# Activity: Filter and sort data with SQL

## Overview

The purposes of this activity is to show us how to use SQL to filter and sort data in a large dataset in BigQuery. We will:

- create a custom dataset in BigQuery,
- import a .csv file as a new table in the BigQuery dataset, and
- use SQL queries to filter and sort data.

## Dataset

We are provided with a .csv file with data on movies such as title, genre, revenue, etc. The data can be downloaded from [Google Sheets](https://docs.google.com/spreadsheets/d/1pjpm8QPJOhX7aIuQ6j4iKz66b5AfkXWXHdMSxsHEyKI/edit?usp=sharing) or directly by downloading the [.csv file](/activities/sql/c05m01-filter-data-with-sql/c05m01-movie-data.csv). A preview of the comma-delimited file is show below.

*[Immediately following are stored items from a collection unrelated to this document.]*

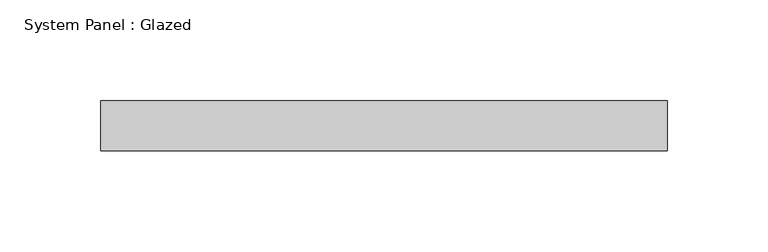
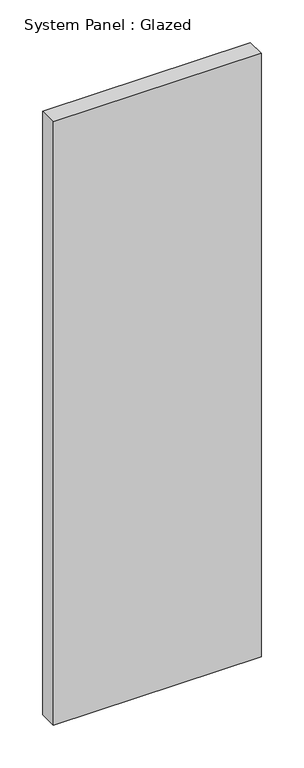
"""IFC4 building model written with IfcOpenShell, lengths in millimetres: plate geometry, System Panel : Glazed."""

from ifc_helpers import new_model, si_unit, origin, origin_with_axes, place, context, project, spatial, polyline, outline, extrude, source, transform, mapped, element, save


def system_panel_glazed_703d63a0(model_context):
    return source(origin(), model_context, "Body", "SweptSolid", [
        extrude(outline(polyline([(140.7583333, 24.5), (-140.7583333, 24.5), (-140.7583333, 49.5), (140.7583333, 49.5), (140.7583333, 24.5)])), origin_with_axes(), (0.0, 0.0, 1.0), 864.4),
    ])


if __name__ == "__main__":
    model = new_model("IFC4")
    model_context = context("Model", 3, world=origin())
    ifc_project = project(units=[si_unit("LENGTHUNIT", "METRE", prefix="MILLI")], contexts=[model_context])
    site = spatial("IfcSite", under=ifc_project)
    building = spatial("IfcBuilding", under=site)
    placement = place(None, origin())
    system_panel_glazed_shape = system_panel_glazed_703d63a0(model_context)
    element("IfcPlate", 1, ObjectType="System Panel : Glazed", at=placement, inside=building, context=model_context, shape_type="MappedRepresentation", body=[
        mapped(system_panel_glazed_shape, transform((0.0, 0.0, 0.0), x_axis=(1.0, 0.0, 0.0), y_axis=(0.0, 1.0, 0.0), z_axis=(0.0, 0.0, 1.0))),
    ])
    save(model, "model.ifc")

# Revit data of these elements
# Type "System Panel : Glazed"
#   Keynote = "H11"
#   Construction Type Id = "GSP4R"
#   Analytic Construction = "1/8 in Pilkington single glazing"
#   Visual Light Transmittance = 0.9
#   Solar Heat Gain Coefficient = 0.86
#   Heat Transfer Coefficient (U) = 6.7069 W/(m²·K)
#   Define Thermal Properties by = 1
# Element 1 (IfcPlate, "System Panel : Glazed")
#   Materials on its faces: "Glass"
# Materials
#   "Glass": class "Glass", colour RGB 0 128 192, transparency 0.9, Description = "Soda Lime Glass", Cost = 0
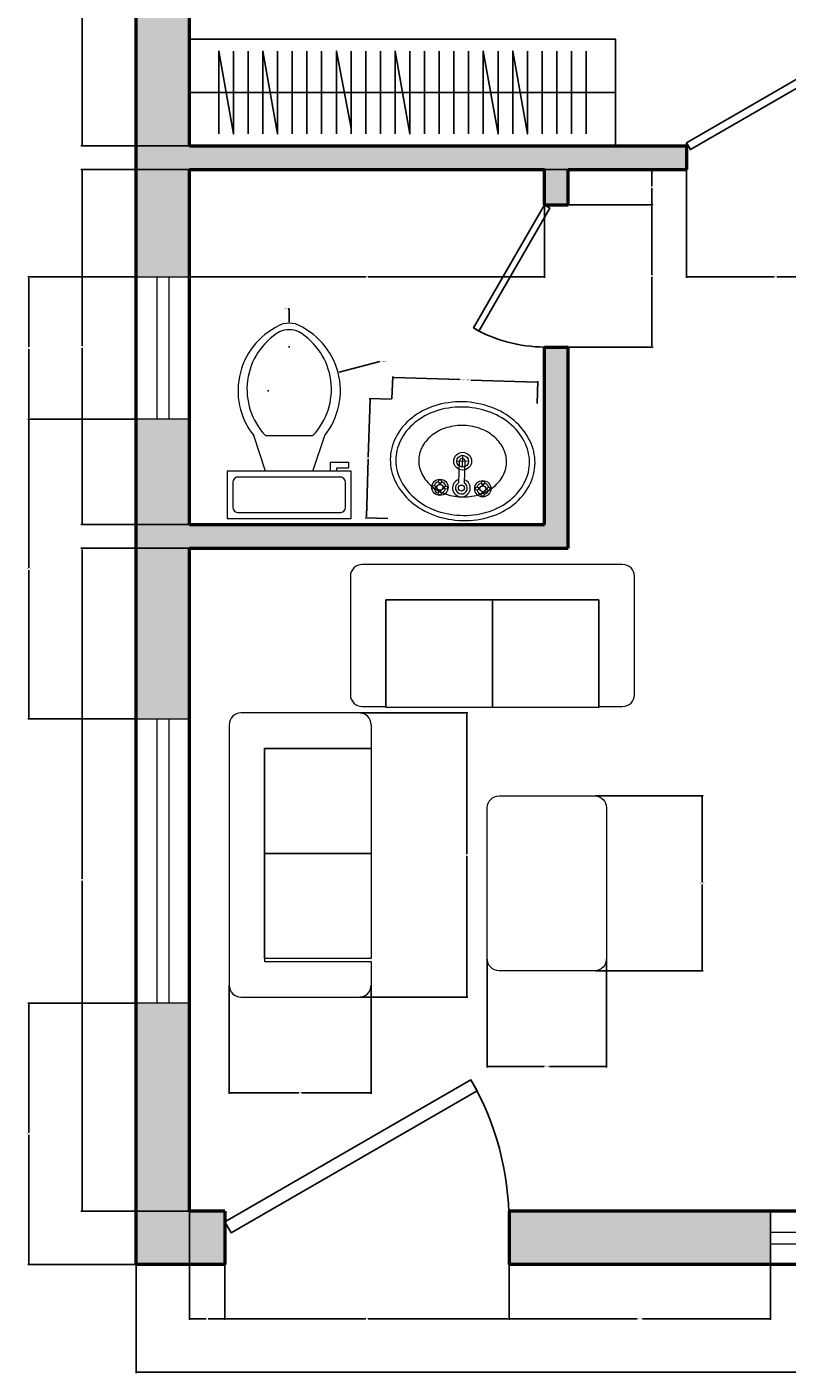
# Model space of a CAD drawing. Units: inches. Extents: x 2130 to 2425, y 2862 to 3216.
# Tile 1 of 4: x 2130 to 2259, y 2862 to 3089. Entities that reach past the tile are written whole.
import ezdxf

# ---------------------------------------------------------------- set-up
doc = ezdxf.new("R2010")
doc.units = ezdxf.units.IN
for name, color, linetype, lineweight in [('A-ANNO-DIMS', 2, 'Continuous', 18), ('A-DOOR', 3, 'Continuous', 25), ('A-FLOR-CASE', 9, 'Continuous', 25), ('A-FLOR-FIXT', 9, 'Continuous', 18), ('A-FURN', 8, 'Continuous', 18), ('A-GLAZ', 4, 'Continuous', 18), ('A-WALL', 7, 'Continuous', 50), ('A-WALL-PATT', 18, 'Continuous', 13)]:
    doc.layers.add(name, color=color, linetype=linetype, lineweight=lineweight)
doc.styles.get("Standard").update_dxf_attribs({"font": 'arial.ttf'})
doc.dimstyles.get("Standard").update_dxf_attribs({"dimtxt": 0.18, "dimasz": 0.18, "dimexe": 0.18, "dimexo": 0.0625, "dimgap": 0.09, "dimtad": 0, "dimtih": 1, "dimtoh": 1, "dimdec": 4, "dimzin": 0, "dimdsep": 46, "dimtxsty": 'Standard', "dimcen": 0.09, "dimadec": 0, "dimazin": 0, "dimtfac": 1, "dimtdec": 4, "dimtofl": 0, "dimtmove": 0, "dimatfit": 3, "dimfxl": 1, "dimtolj": 1, "dimtzin": 0, "dimarcsym": 0})

# ---------------------------------------------------------------- blocks, each defined once
blk = doc.blocks.new('Sink - Oval top')
for p, q in [((-1, 0), (1, 0)), ((0, 1), (0, -1))]:
    blk.add_line(p, q)
for points in [[(-12.23, 0.39, 0.117634), (-11.46, -3.36, 0.104469), (-8.88, -6.8, 0.090016), (-5.08, -9.07, 0.08192), (-0.32, -10.02, 0.08192), (4.49, -9.38, 0.090016), (8.42, -7.36, 0.104469), (11.22, -4.09, 0.117634), (12.23, -0.39, 0.117634), (11.46, 3.36, 0.104469), (8.88, 6.8, 0.090016), (5.08, 9.07, 0.08192), (0.32, 10.02, 0.08192), (-4.49, 9.38, 0.090016), (-8.42, 7.36, 0.104469), (-11.22, 4.09, 0.117634)], [(-11.29, 0.16, 0.118622), (-10.52, -3.25, 0.104678), (-8.07, -6.36, 0.089562), (-4.54, -8.37, 0.081185), (-0.13, -9.15, 0.081185), (4.3, -8.49, 0.089562), (7.89, -6.58, 0.104678), (10.42, -3.55, 0.118622), (11.29, -0.16, 0.118622), (10.52, 3.25, 0.104678), (8.07, 6.36, 0.089562), (4.54, 8.37, 0.081185), (0.13, 9.15, 0.081185), (-4.3, 8.49, 0.089562), (-7.89, 6.58, 0.104678), (-10.42, 3.55, 0.118622)], [(-7.42, 0.08, 0.118283), (-6.91, -2.17, 0.104607), (-5.29, -4.21, 0.089718), (-2.97, -5.53, 0.081436), (-0.07, -6.04, 0.081436), (2.84, -5.59, 0.089718), (5.2, -4.33, 0.104607), (6.86, -2.32, 0.118283), (7.42, -0.08, 0.118283), (6.91, 2.17, 0.104607), (5.29, 4.21, 0.089718), (2.97, 5.53, 0.081436), (0.07, 6.04, 0.081436), (-2.84, 5.59, 0.089718), (-5.2, 4.33, 0.104607), (-6.86, 2.32, 0.118283)]]:
    blk.add_lwpolyline(points, format="xyb", close=True)
for radius in [1.5, 1]:
    blk.add_circle((0, 0), radius)
blk = doc.blocks.new('Faucet - Bathroom top')
for p, q in [((-4.107, 0.125), (-4.375, 0.125)), ((-3.75, 0.4788), (-3.75, 0.75)), ((-3.5, 0.482), (-3.5, 0.75)), ((-3.1461, 0.125), (-2.875, 0.125)), ((3.143, 0.125), (2.875, 0.125)), ((3.5, 0.4788), (3.5, 0.75)), ((3.75, 0.482), (3.75, 0.75)), ((4.1039, 0.125), (4.375, 0.125)), ((-4.1039, -0.125), (-4.375, -0.125)), ((-3.75, -0.4821), (-3.75, -0.75)), ((-3.5, -0.4789), (-3.5, -0.75)), ((-3.143, -0.125), (-2.875, -0.125)), ((-0.5, -0.8639), (-0.5, -4.5)), ((0.5, -4.5), (0.5, -0.8631)), ((3.1461, -0.125), (2.875, -0.125)), ((3.5, -0.4821), (3.5, -0.75)), ((3.75, -0.4789), (3.75, -0.75)), ((4.107, -0.125), (4.375, -0.125))]:
    blk.add_line(p, q)
for centre, radius in [((-3.625, 0), 1.375), ((-4.625, 0), 0.2795), ((-3.625, 0), 0.5), ((-3.625, 1), 0.2795), ((-2.625, 0), 0.2795), ((0, 0), 0.5), ((3.625, 0), 1.375), ((2.625, 0), 0.2795), ((3.625, 0), 0.5), ((3.625, 1), 0.2795), ((4.625, 0), 0.2795), ((-3.625, -1), 0.2795), ((3.625, -1), 0.2795)]:
    blk.add_circle(centre, radius)
for centre, radius, start, end in [((-3.625, 0), 1, 105.2407, 164.2093), ((-3.625, 0), 1, 16.44125, 74.07887), ((0, 0), 1.5, 289.6514, 250.3603), ((0, 0), 1, 300.3431, 239.7554), ((3.625, 0), 1, 106.12, 164.0884), ((3.625, 0), 1, 16.23422, 73.90469), ((-3.625, 0), 1, 196.2342, 253.9047), ((-3.625, 0), 1, 286.12, 344.0884), ((3.625, 0), 1, 196.4413, 254.0789), ((3.625, 0), 1, 285.2407, 344.2093), ((0, -4.5), 0.5, 180, 0)]:
    blk.add_arc(centre, radius, start, end)
blk = doc.blocks.new('Toilet - top')
for p, q in [((9.5, -6), (9.5, -2)), ((-10, -8.5), (-8, -8.5)), ((-10, -9.5), (-10, -8.5)), ((-8, -8.5), (-8, -8)), ((-7, -8), (-7, -9.5)), ((-4, -8), (-6, -14)), ((4, -8), (6, -14)), ((-7, -9.5), (-10, -9.5)), ((4, -14), (-4, -14))]:
    blk.add_line(p, q)
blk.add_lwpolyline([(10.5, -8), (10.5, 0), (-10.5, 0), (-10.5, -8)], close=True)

![Movie data in csv](c05m01-movie-data-csv.png 'Movie data in csv')

## Data Cleaning

Before importing the dataset into BigQuery, I need to clean the column names to ensure compatibility with SQL queries. The current column names contain spaces, which can lead to errors when writing queries or referencing fields. To fix this:

- Spaces will be replaced with underscores (_).
- Column names will be converted to lowercase for consistency.
- Extra spaces before or after column names will be removed.

This preprocessing step ensures the dataset is query-friendly and adheres to best practices for database schemas. Below is a list of the current column names and their updated versions, which will be applied before importing into BigQuery:

| Original Column Name | Updated Column Name |
| --- | --- |
| Movie Title | movie_title |
| Release Date | release_date |
| Wikipedia URL | wikipedia_url |
| Genre | genre |
| Director (1) | director_1 |
| Director (2) | director_2 |
| Cast (1) | cast_1 |
| Cast (2) | cast_2 |
| Cast (3) | cast_3 |
| Cast (4) | cast_4 |
| Cast (5) | cast_5 |
| Budget  | budget |
| Revenue | revenue |

The updated data can be downloaded from [Google Sheets](https://docs.google.com/spreadsheets/d/1PNJPNZwKd6eKyDQnj2ybsFrMQAikA48Of5uh1wXH5cY/edit?usp=sharing) or directly by downloading the [.csv file](/activities/sql/c05m01-filter-data-with-sql/c05m01-movie-data-clean.csv).

## Importing the data in BigQuery

The following steps are followed to import the movie dataset to BigQuery:

- **Create dataset** with **Dataset ID** `movie_data`
- In the **Dataset info** window, select the **CREATE TABLE** button
- In the **Source** section, select the ***Upload*** option in **Create table from**
- Browse to the `c05m01-movie-data-clean.csv` file and open
- Set the file format to `.csv`
- In the **Destination** section, name the table as `movies`
- In the **Schema** section, select **Auto detect**
- Optional (alternative to cleaning the column names): In the **Advanced options** menu, change **Column name character map** to `V2` as this will allow parentheses to be used in column names.

Finally, select **Create table**. A new table `movies` has been created and appear in the explorer pane under the database `movie_data`. A preview of the data is show below.

![Movie data in BigQuery](c05m01-movie-data-bigquery.png 'Movie data in BigQuery')

## Query: Movies in the Comedy genre

The following query will allow us to filter all the movie titles to only show movies:

- in the Comedy genre,
- with revenues greater than $300,000,000.00,
- extracting the year from the release date, and
- sorting the movies by year in descending order so that the latest movie will be listed first:

In [None]:
SELECT
  movie_title,
  EXTRACT(YEAR FROM release_date) AS release_year
FROM `plucky-aegis-427011-v5.movie_data.movies`
WHERE
  genre = 'Comedy'
  AND revenue > 300000000
ORDER BY
  EXTRACT(YEAR FROM release_date) DESC;

There are 508 rows in the movies table and this query only shows the 7 Comedy movies with revenues greater than $300,000,000.00 sorted in descending order by release year. The query successfully filtered and sorted the data. The query results were returned in the table below:

![Comedy movies query results](c05m01-movies-comedy-by-year.png 'Comedy movies query results')